Penumbra and Light is a still life series focusing on the quality of light as it travels, changes, and interacts with the domestic interior space of my home. I have chosen as subject matter the culinary objects that historically represent “women’s work” and hope that they may function as contested feminine symbols, serving to deconstruct and expose substantive social expectations about the role of women that patriarchal societies embrace. I intend for this work to have an implied narrative that hints at the complexities of the domestic experience and the duality between nurture and struggle, darkness and light. The chipped and broken cup, precariously stacked plates, and desiccated herbs and fruit are there to remind the viewer of the quiescent morbidity, beauty, and poetry that are articulated in scenes of gestural and symbolic expiration and that the domestic space can represent warmth and comfort but may well be a place of duality and conflict.
Aqua Blue Poems are a recent body of work that functions as a book of visual poetry. It is meant to act as a meditation on color, light, and the act of taking a photograph. Embracing the concept of failure, this work celebrates flaws and unexpected outcomes of photographic processes.

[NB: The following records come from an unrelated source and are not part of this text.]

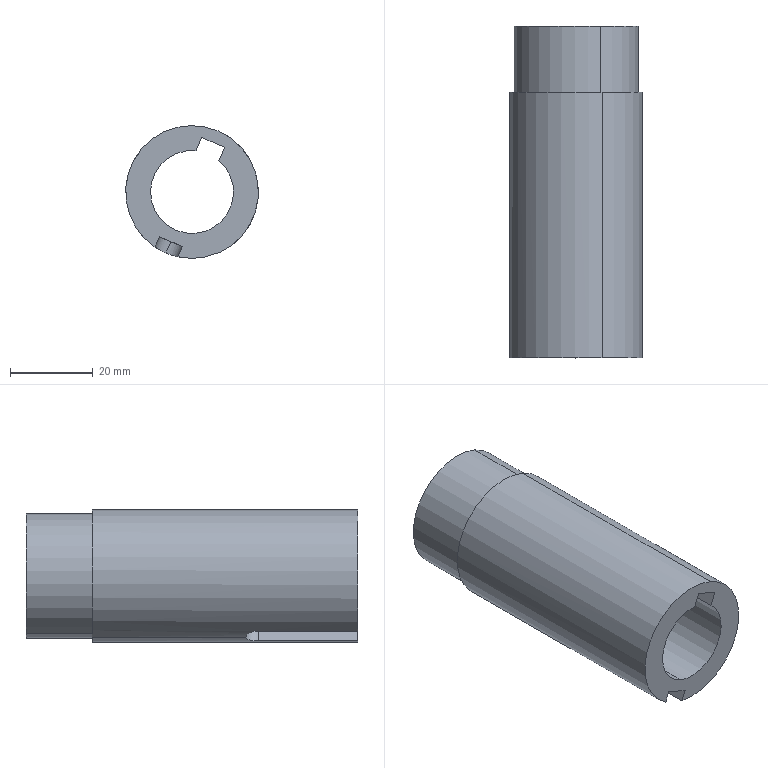Component | SolidWorks | -MovingSleeve-1 | 1 solid | 17 faces | box 32 x 80 x 32 mm | volume 35676 mm3 | plane 9 | cylinder 8 | commonest cylinder face diameters 6 x2 32 x2 30 x2 20 x2
build123d program:
from build123d import *

# Parameters (mm, degrees)
CUT_EXTRUDE1_DEPTH = 3
SKETCH3_W          = 6.215
SKETCH3_H          = 6
CUT_EXTRUDE2_DEPTH = 84.138


with BuildPart() as part:
    # Sketch1 → Revolve1 (revolve)
    with BuildSketch(Plane.XY):
        Polygon((15, 80), (15, 64), (16, 64), (16, 48), (16, 38), (16, 0), (10, 0), (10, 80), align=None)
    revolve(axis=Axis((0, -3319.583, 0), (0, 1, 0)))

    # Sketch2 → Cut-Extrude1 (cut)
    with BuildSketch(Plane(origin=(16, 0, 0), x_dir=(0, 0, -1), z_dir=(1, 0, 0))):
        with BuildLine():
            Line((-3, 0), (-3, 24))
            ThreePointArc((-3, 24), (0, 27), (3, 24))
            Line((3, 24), (3, 0))
            ThreePointArc((3, 0), (0, -3), (-3, 0))
        make_face()
    extrude(amount=-CUT_EXTRUDE1_DEPTH, mode=Mode.SUBTRACT)

    # Sketch3 → Cut-Extrude2 (cut, through all)
    with BuildSketch(Plane.XZ):
        with Locations((-9.893, 0)):
            Rectangle(SKETCH3_W, SKETCH3_H)
    extrude(amount=-CUT_EXTRUDE2_DEPTH, mode=Mode.SUBTRACT)


solid = part.part

# Placed as in the assembly
solid = solid.moved(Location((205, 1261.878, -173), (180, 66.949, -180)))
STEP:
#1=COLOUR_RGB('',0.7922,0.8196,0.9333);
#2=FILL_AREA_STYLE_COLOUR('',#1);
#3=FILL_AREA_STYLE('',(#2));
#4=SURFACE_STYLE_FILL_AREA(#3);
#5=SURFACE_SIDE_STYLE('',(#4));
#6=SURFACE_STYLE_USAGE(.BOTH.,#5);
#7=PRESENTATION_STYLE_ASSIGNMENT((#6));
#8=CARTESIAN_POINT('',(7.87,50.743,-7.282));
#9=VERTEX_POINT('',#8);
#10=CARTESIAN_POINT('',(7.979,50.625,-7.328));
#11=VERTEX_POINT('',#10);
#12=CARTESIAN_POINT('',(7.87,50.625,-7.282));
#13=DIRECTION('',(-0.3916,0.,-0.9202));
#14=DIRECTION('',(0.,1.,0.));
#15=AXIS2_PLACEMENT_3D('',#12,#13,#14);
#16=CIRCLE('',#15,0.1181);
#17=EDGE_CURVE('',#9,#11,#16,.T.);
#18=ORIENTED_EDGE('',*,*,#17,.F.);
#19=CARTESIAN_POINT('',(7.824,50.743,-7.391));
#20=VERTEX_POINT('',#19);
#21=CARTESIAN_POINT('',(7.87,50.743,-7.282));
#22=DIRECTION('',(-0.3916,0.,-0.9202));
#23=VECTOR('',#22,39.37);
#24=LINE('',#21,#23);
#25=EDGE_CURVE('',#9,#20,#24,.T.);
#26=ORIENTED_EDGE('',*,*,#25,.T.);
#27=CARTESIAN_POINT('',(7.937,50.625,-7.427));
#28=VERTEX_POINT('',#27);
#29=CARTESIAN_POINT('',(7.824,50.743,-7.391));
#30=CARTESIAN_POINT('',(7.831,50.743,-7.394));
#31=CARTESIAN_POINT('',(7.839,50.742,-7.397));
#32=CARTESIAN_POINT('',(7.853,50.739,-7.402));
#33=CARTESIAN_POINT('',(7.86,50.737,-7.405));
#34=CARTESIAN_POINT('',(7.873,50.731,-7.409));
#35=CARTESIAN_POINT('',(7.88,50.728,-7.411));
#36=CARTESIAN_POINT('',(7.892,50.719,-7.415));
#37=CARTESIAN_POINT('',(7.898,50.714,-7.417));
#38=CARTESIAN_POINT('',(7.909,50.703,-7.42));
#39=CARTESIAN_POINT('',(7.913,50.697,-7.421));
#40=CARTESIAN_POINT('',(7.922,50.684,-7.423));
#41=CARTESIAN_POINT('',(7.925,50.678,-7.424));
#42=CARTESIAN_POINT('',(7.931,50.663,-7.425));
#43=CARTESIAN_POINT('',(7.933,50.656,-7.426));
#44=CARTESIAN_POINT('',(7.936,50.641,-7.426));
#45=CARTESIAN_POINT('',(7.937,50.633,-7.427));
#46=CARTESIAN_POINT('',(7.937,50.625,-7.427));
#47=B_SPLINE_CURVE_WITH_KNOTS('',3,(#29,#30,#31,#32,#33,#34,#35,#36,#37,#38,#39,#40,#41,#42,#43,#44,#45,#46),.UNSPECIFIED.,.F.,.F.,(4,2,2,2,2,2,2,2,4),(0.004701,0.005288,0.005875,0.006462,0.007049,0.007637,0.008224,0.008811,0.009398),.UNSPECIFIED.);
#48=EDGE_CURVE('',#20,#28,#47,.T.);
#49=ORIENTED_EDGE('',*,*,#48,.T.);
#50=CARTESIAN_POINT('',(7.979,50.625,-7.328));
#51=DIRECTION('',(-0.3916,0.,-0.9202));
#52=VECTOR('',#51,39.37);
#53=LINE('',#50,#52);
#54=EDGE_CURVE('',#11,#28,#53,.T.);
#55=ORIENTED_EDGE('',*,*,#54,.F.);
#56=EDGE_LOOP('',(#18,#26,#49,#55));
#57=FACE_OUTER_BOUND('',#56,.T.);
#58=CARTESIAN_POINT('',(7.87,50.625,-7.282));
#59=DIRECTION('',(-0.3916,0.,-0.9202));
#60=DIRECTION('',(0.,1.,0.));
#61=AXIS2_PLACEMENT_3D('',#58,#59,#60);
#62=CYLINDRICAL_SURFACE('',#61,0.1181);
#63=ADVANCED_FACE('',(#57),#62,.F.);
#64=CARTESIAN_POINT('',(7.824,52.2,-7.391));
#65=VERTEX_POINT('',#64);
#66=CARTESIAN_POINT('',(8.318,52.2,-6.231));
#67=VERTEX_POINT('',#66);
#68=CARTESIAN_POINT('',(8.071,52.2,-6.811));
#69=DIRECTION('',(-0.,-1.,-0.));
#70=DIRECTION('',(-0.3916,0.,-0.9202));
#71=AXIS2_PLACEMENT_3D('',#68,#69,#70);
#72=CIRCLE('',#71,0.6299);
#73=EDGE_CURVE('',#65,#67,#72,.T.);
#74=ORIENTED_EDGE('',*,*,#73,.T.);
#75=CARTESIAN_POINT('',(8.318,49.68,-6.231));
#76=VERTEX_POINT('',#75);
#77=CARTESIAN_POINT('',(8.318,-81.012,-6.231));
#78=DIRECTION('',(-0.,-1.,-0.));
#79=VECTOR('',#78,39.37);
#80=LINE('',#77,#79);
#81=EDGE_CURVE('',#67,#76,#80,.T.);
#82=ORIENTED_EDGE('',*,*,#81,.T.);
#83=CARTESIAN_POINT('',(7.937,49.68,-7.427));
#84=VERTEX_POINT('',#83);
#85=CARTESIAN_POINT('',(8.071,49.68,-6.811));
#86=DIRECTION('',(-0.,-1.,-0.));
#87=DIRECTION('',(-0.3916,0.,-0.9202));
#88=AXIS2_PLACEMENT_3D('',#85,#86,#87);
#89=CIRCLE('',#88,0.6299);
#90=EDGE_CURVE('',#84,#76,#89,.T.);
#91=ORIENTED_EDGE('',*,*,#90,.F.);
#92=CARTESIAN_POINT('',(7.937,-81.012,-7.427));
#93=DIRECTION('',(-0.,-1.,-0.));
#94=VECTOR('',#93,39.37);
#95=LINE('',#92,#94);
#96=EDGE_CURVE('',#28,#84,#95,.T.);
#97=ORIENTED_EDGE('',*,*,#96,.F.);
#98=ORIENTED_EDGE('',*,*,#48,.F.);
#99=CARTESIAN_POINT('',(7.824,-81.012,-7.391));
#100=DIRECTION('',(-0.,-1.,-0.));
#101=VECTOR('',#100,39.37);
#102=LINE('',#99,#101);
#103=EDGE_CURVE('',#65,#20,#102,.T.);
#104=ORIENTED_EDGE('',*,*,#103,.F.);
#105=EDGE_LOOP('',(#74,#82,#91,#97,#98,#104));
#106=FACE_OUTER_BOUND('',#105,.T.);
#107=CARTESIAN_POINT('',(8.071,-81.012,-6.811));
#108=DIRECTION('',(-0.,-1.,-0.));
#109=DIRECTION('',(-0.3916,0.,-0.9202));
#110=AXIS2_PLACEMENT_3D('',#107,#108,#109);
#111=CYLINDRICAL_SURFACE('',#110,0.6299);
#112=ADVANCED_FACE('',(#106),#111,.T.);
#113=CARTESIAN_POINT('',(7.84,52.83,-7.354));
#114=VERTEX_POINT('',#113);
#115=CARTESIAN_POINT('',(8.302,52.83,-6.268));
#116=VERTEX_POINT('',#115);
#117=CARTESIAN_POINT('',(8.071,52.83,-6.811));
#118=DIRECTION('',(-0.,-1.,-0.));
#119=DIRECTION('',(-0.3916,0.,-0.9202));
#120=AXIS2_PLACEMENT_3D('',#117,#118,#119);
#121=CIRCLE('',#120,0.5906);
#122=EDGE_CURVE('',#114,#116,#121,.T.);
#123=ORIENTED_EDGE('',*,*,#122,.T.);
#124=CARTESIAN_POINT('',(8.302,52.2,-6.268));
#125=VERTEX_POINT('',#124);
#126=CARTESIAN_POINT('',(8.302,-81.012,-6.268));
#127=DIRECTION('',(-0.,-1.,-0.));
#128=VECTOR('',#127,39.37);
#129=LINE('',#126,#128);
#130=EDGE_CURVE('',#116,#125,#129,.T.);
#131=ORIENTED_EDGE('',*,*,#130,.T.);
#132=CARTESIAN_POINT('',(7.84,52.2,-7.354));
#133=VERTEX_POINT('',#132);
#134=CARTESIAN_POINT('',(8.071,52.2,-6.811));
#135=DIRECTION('',(-0.,-1.,-0.));
#136=DIRECTION('',(-0.3916,0.,-0.9202));
#137=AXIS2_PLACEMENT_3D('',#134,#135,#136);
#138=CIRCLE('',#137,0.5906);
#139=EDGE_CURVE('',#133,#125,#138,.T.);
#140=ORIENTED_EDGE('',*,*,#139,.F.);
#141=CARTESIAN_POINT('',(7.84,-81.012,-7.354));
#142=DIRECTION('',(-0.,-1.,-0.));
#143=VECTOR('',#142,39.37);
#144=LINE('',#141,#143);
#145=EDGE_CURVE('',#114,#133,#144,.T.);
#146=ORIENTED_EDGE('',*,*,#145,.F.);
#147=EDGE_LOOP('',(#123,#131,#140,#146));
#148=FACE_OUTER_BOUND('',#147,.T.);
#149=CARTESIAN_POINT('',(8.071,-81.012,-6.811));
#150=DIRECTION('',(-0.,-1.,-0.));
#151=DIRECTION('',(-0.3916,0.,-0.9202));
#152=AXIS2_PLACEMENT_3D('',#149,#150,#151);
#153=CYLINDRICAL_SURFACE('',#152,0.5906);
#154=ADVANCED_FACE('',(#148),#153,.T.);
#155=CARTESIAN_POINT('',(7.917,52.83,-7.173));
#156=VERTEX_POINT('',#155);
#157=CARTESIAN_POINT('',(8.327,52.83,-6.512));
#158=VERTEX_POINT('',#157);
#159=CARTESIAN_POINT('',(8.071,52.83,-6.811));
#160=DIRECTION('',(-0.,-1.,-0.));
#161=DIRECTION('',(-0.3916,0.,-0.9202));
#162=AXIS2_PLACEMENT_3D('',#159,#160,#161);
#163=CIRCLE('',#162,0.3937);
#164=EDGE_CURVE('',#156,#158,#163,.T.);
#165=ORIENTED_EDGE('',*,*,#164,.F.);
#166=CARTESIAN_POINT('',(7.917,49.68,-7.173));
#167=VERTEX_POINT('',#166);
#168=CARTESIAN_POINT('',(7.917,-81.012,-7.173));
#169=DIRECTION('',(-0.,-1.,-0.));
#170=VECTOR('',#169,39.37);
#171=LINE('',#168,#170);
#172=EDGE_CURVE('',#156,#167,#171,.T.);
#173=ORIENTED_EDGE('',*,*,#172,.T.);
#174=CARTESIAN_POINT('',(8.327,49.68,-6.512));
#175=VERTEX_POINT('',#174);
#176=CARTESIAN_POINT('',(8.071,49.68,-6.811));
#177=DIRECTION('',(-0.,-1.,-0.));
#178=DIRECTION('',(-0.3916,0.,-0.9202));
#179=AXIS2_PLACEMENT_3D('',#176,#177,#178);
#180=CIRCLE('',#179,0.3937);
#181=EDGE_CURVE('',#167,#175,#180,.T.);
#182=ORIENTED_EDGE('',*,*,#181,.T.);
#183=CARTESIAN_POINT('',(8.327,-81.012,-6.512));
#184=DIRECTION('',(-0.,-1.,-0.));
#185=VECTOR('',#184,39.37);
#186=LINE('',#183,#185);
#187=EDGE_CURVE('',#158,#175,#186,.T.);
#188=ORIENTED_EDGE('',*,*,#187,.F.);
#189=EDGE_LOOP('',(#165,#173,#182,#188));
#190=FACE_OUTER_BOUND('',#189,.T.);
#191=CARTESIAN_POINT('',(8.071,-81.012,-6.811));
#192=DIRECTION('',(-0.,-1.,-0.));
#193=DIRECTION('',(-0.3916,0.,-0.9202));
#194=AXIS2_PLACEMENT_3D('',#191,#192,#193);
#195=CYLINDRICAL_SURFACE('',#194,0.3937);
#196=ADVANCED_FACE('',(#190),#195,.F.);
#197=ORIENTED_EDGE('',*,*,#172,.F.);
#198=CARTESIAN_POINT('',(8.109,52.83,-6.419));
#199=VERTEX_POINT('',#198);
#200=CARTESIAN_POINT('',(8.071,52.83,-6.811));
#201=DIRECTION('',(-0.,-1.,-0.));
#202=DIRECTION('',(-0.3916,0.,-0.9202));
#203=AXIS2_PLACEMENT_3D('',#200,#201,#202);
#204=CIRCLE('',#203,0.3937);
#205=EDGE_CURVE('',#199,#156,#204,.T.);
#206=ORIENTED_EDGE('',*,*,#205,.F.);
#207=CARTESIAN_POINT('',(8.109,49.68,-6.419));
#208=VERTEX_POINT('',#207);
#209=CARTESIAN_POINT('',(8.109,-81.012,-6.419));
#210=DIRECTION('',(0.,1.,0.));
#211=VECTOR('',#210,39.37);
#212=LINE('',#209,#211);
#213=EDGE_CURVE('',#208,#199,#212,.T.);
#214=ORIENTED_EDGE('',*,*,#213,.F.);
#215=CARTESIAN_POINT('',(8.071,49.68,-6.811));
#216=DIRECTION('',(-0.,-1.,-0.));
#217=DIRECTION('',(-0.3916,0.,-0.9202));
#218=AXIS2_PLACEMENT_3D('',#215,#216,#217);
#219=CIRCLE('',#218,0.3937);
#220=EDGE_CURVE('',#208,#167,#219,.T.);
#221=ORIENTED_EDGE('',*,*,#220,.T.);
#222=EDGE_LOOP('',(#197,#206,#214,#221));
#223=FACE_OUTER_BOUND('',#222,.T.);
#224=CARTESIAN_POINT('',(8.071,-81.012,-6.811));
#225=DIRECTION('',(-0.,-1.,-0.));
#226=DIRECTION('',(-0.3916,0.,-0.9202));
#227=AXIS2_PLACEMENT_3D('',#224,#225,#226);
#228=CYLINDRICAL_SURFACE('',#227,0.3937);
#229=ADVANCED_FACE('',(#223),#228,.F.);
#230=CARTESIAN_POINT('',(8.38,52.83,-6.386));
#231=VERTEX_POINT('',#230);
#232=CARTESIAN_POINT('',(8.38,52.83,-6.386));
#233=DIRECTION('',(0.3916,-0.,0.9202));
#234=VECTOR('',#233,39.37);
#235=LINE('',#232,#234);
#236=EDGE_CURVE('',#158,#231,#235,.T.);
#237=ORIENTED_EDGE('',*,*,#236,.T.);
#238=CARTESIAN_POINT('',(8.163,52.83,-6.294));
#239=VERTEX_POINT('',#238);
#240=CARTESIAN_POINT('',(8.38,52.83,-6.386));
#241=DIRECTION('',(-0.9202,0.,0.3916));
#242=VECTOR('',#241,39.37);
#243=LINE('',#240,#242);
#244=EDGE_CURVE('',#231,#239,#243,.T.);
#245=ORIENTED_EDGE('',*,*,#244,.T.);
#246=CARTESIAN_POINT('',(8.163,52.83,-6.294));
#247=DIRECTION('',(-0.3916,0.,-0.9202));
#248=VECTOR('',#247,39.37);
#249=LINE('',#246,#248);
#250=EDGE_CURVE('',#239,#199,#249,.T.);
#251=ORIENTED_EDGE('',*,*,#250,.T.);
#252=ORIENTED_EDGE('',*,*,#205,.T.);
#253=ORIENTED_EDGE('',*,*,#164,.T.);
#254=EDGE_LOOP('',(#237,#245,#251,#252,#253));
#255=FACE_BOUND('',#254,.T.);
#256=ORIENTED_EDGE('',*,*,#122,.F.);
#257=CARTESIAN_POINT('',(8.071,52.83,-6.811));
#258=DIRECTION('',(-0.,-1.,-0.));
#259=DIRECTION('',(-0.3916,0.,-0.9202));
#260=AXIS2_PLACEMENT_3D('',#257,#258,#259);
#261=CIRCLE('',#260,0.5906);
#262=EDGE_CURVE('',#116,#114,#261,.T.);
#263=ORIENTED_EDGE('',*,*,#262,.F.);
#264=EDGE_LOOP('',(#256,#263));
#265=FACE_OUTER_BOUND('',#264,.T.);
#266=CARTESIAN_POINT('',(7.917,52.83,-7.173));
#267=DIRECTION('',(0.,1.,0.));
#268=DIRECTION('',(0.3916,-0.,0.9202));
#269=AXIS2_PLACEMENT_3D('',#266,#267,#268);
#270=PLANE('',#269);
#271=ADVANCED_FACE('',(#255,#265),#270,.T.);
#272=ORIENTED_EDGE('',*,*,#130,.F.);
#273=ORIENTED_EDGE('',*,*,#262,.T.);
#274=ORIENTED_EDGE('',*,*,#145,.T.);
#275=CARTESIAN_POINT('',(8.071,52.2,-6.811));
#276=DIRECTION('',(-0.,-1.,-0.));
#277=DIRECTION('',(-0.3916,0.,-0.9202));
#278=AXIS2_PLACEMENT_3D('',#275,#276,#277);
#279=CIRCLE('',#278,0.5906);
#280=EDGE_CURVE('',#125,#133,#279,.T.);
#281=ORIENTED_EDGE('',*,*,#280,.F.);
#282=EDGE_LOOP('',(#272,#273,#274,#281));
#283=FACE_OUTER_BOUND('',#282,.T.);
#284=CARTESIAN_POINT('',(8.071,-81.012,-6.811));
#285=DIRECTION('',(-0.,-1.,-0.));
#286=DIRECTION('',(-0.3916,0.,-0.9202));
#287=AXIS2_PLACEMENT_3D('',#284,#285,#286);
#288=CYLINDRICAL_SURFACE('',#287,0.5906);
#289=ADVANCED_FACE('',(#283),#288,.T.);
#290=ORIENTED_EDGE('',*,*,#139,.T.);
#291=ORIENTED_EDGE('',*,*,#280,.T.);
#292=EDGE_LOOP('',(#290,#291));
#293=FACE_BOUND('',#292,.T.);
#294=ORIENTED_EDGE('',*,*,#73,.F.);
#295=CARTESIAN_POINT('',(8.071,52.2,-6.811));
#296=DIRECTION('',(-0.,-1.,-0.));
#297=DIRECTION('',(-0.3916,0.,-0.9202));
#298=AXIS2_PLACEMENT_3D('',#295,#296,#297);
#299=CIRCLE('',#298,0.6299);
#300=EDGE_CURVE('',#67,#65,#299,.T.);
#301=ORIENTED_EDGE('',*,*,#300,.F.);
#302=EDGE_LOOP('',(#294,#301));
#303=FACE_OUTER_BOUND('',#302,.T.);
#304=CARTESIAN_POINT('',(7.84,52.2,-7.354));
#305=DIRECTION('',(0.,1.,0.));
#306=DIRECTION('',(0.3916,-0.,0.9202));
#307=AXIS2_PLACEMENT_3D('',#304,#305,#306);
#308=PLANE('',#307);
#309=ADVANCED_FACE('',(#293,#303),#308,.T.);
#310=ORIENTED_EDGE('',*,*,#81,.F.);
#311=ORIENTED_EDGE('',*,*,#300,.T.);
#312=ORIENTED_EDGE('',*,*,#103,.T.);
#313=CARTESIAN_POINT('',(7.72,50.625,-7.334));
#314=VERTEX_POINT('',#313);
#315=CARTESIAN_POINT('',(7.72,50.625,-7.334));
#316=CARTESIAN_POINT('',(7.72,50.633,-7.334));
#317=CARTESIAN_POINT('',(7.721,50.641,-7.335));
#318=CARTESIAN_POINT('',(7.723,50.656,-7.336));
#319=CARTESIAN_POINT('',(7.725,50.663,-7.338));
#320=CARTESIAN_POINT('',(7.73,50.678,-7.341));
#321=CARTESIAN_POINT('',(7.733,50.684,-7.343));
#322=CARTESIAN_POINT('',(7.741,50.697,-7.347));
#323=CARTESIAN_POINT('',(7.745,50.703,-7.35));
#324=CARTESIAN_POINT('',(7.754,50.714,-7.356));
#325=CARTESIAN_POINT('',(7.759,50.719,-7.359));
#326=CARTESIAN_POINT('',(7.771,50.728,-7.365));
#327=CARTESIAN_POINT('',(7.777,50.731,-7.368));
#328=CARTESIAN_POINT('',(7.79,50.737,-7.375));
#329=CARTESIAN_POINT('',(7.796,50.739,-7.378));
#330=CARTESIAN_POINT('',(7.81,50.742,-7.384));
#331=CARTESIAN_POINT('',(7.817,50.743,-7.388));
#332=CARTESIAN_POINT('',(7.824,50.743,-7.391));
#333=B_SPLINE_CURVE_WITH_KNOTS('',3,(#315,#316,#317,#318,#319,#320,#321,#322,#323,#324,#325,#326,#327,#328,#329,#330,#331,#332),.UNSPECIFIED.,.F.,.F.,(4,2,2,2,2,2,2,2,4),(0.,0.0005877,0.001175,0.001763,0.002351,0.002938,0.003526,0.004114,0.004701),.UNSPECIFIED.);
#334=EDGE_CURVE('',#314,#20,#333,.T.);
#335=ORIENTED_EDGE('',*,*,#334,.F.);
#336=CARTESIAN_POINT('',(7.72,49.68,-7.334));
#337=VERTEX_POINT('',#336);
#338=CARTESIAN_POINT('',(7.72,-81.012,-7.334));
#339=DIRECTION('',(0.,1.,0.));
#340=VECTOR('',#339,39.37);
#341=LINE('',#338,#340);
#342=EDGE_CURVE('',#337,#314,#341,.T.);
#343=ORIENTED_EDGE('',*,*,#342,.F.);
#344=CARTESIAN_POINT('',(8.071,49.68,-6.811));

Illegible Landscapes are photographic poems inspired by Emma Lazarus’ elegy, Haunted Spot, expressing sublimity in Nature. Concepts such as erasure, deconstruction, ambiguity, and “photographic truth” drove this work. The images are activated by the words; the words are activated by the images, rendering the work cyclical and unstable. The order of the visual poems is inconsequential, there is no authoritative organization with each page referring itself to the others, and so on. The words no longer give rise to any particular truth, there is no cohesive thought, just suggestions and associations. Photography implies reality but has a tenuous relationship to truth, removing the sign from the signifier ultimately expressing a disconnection to the natural world.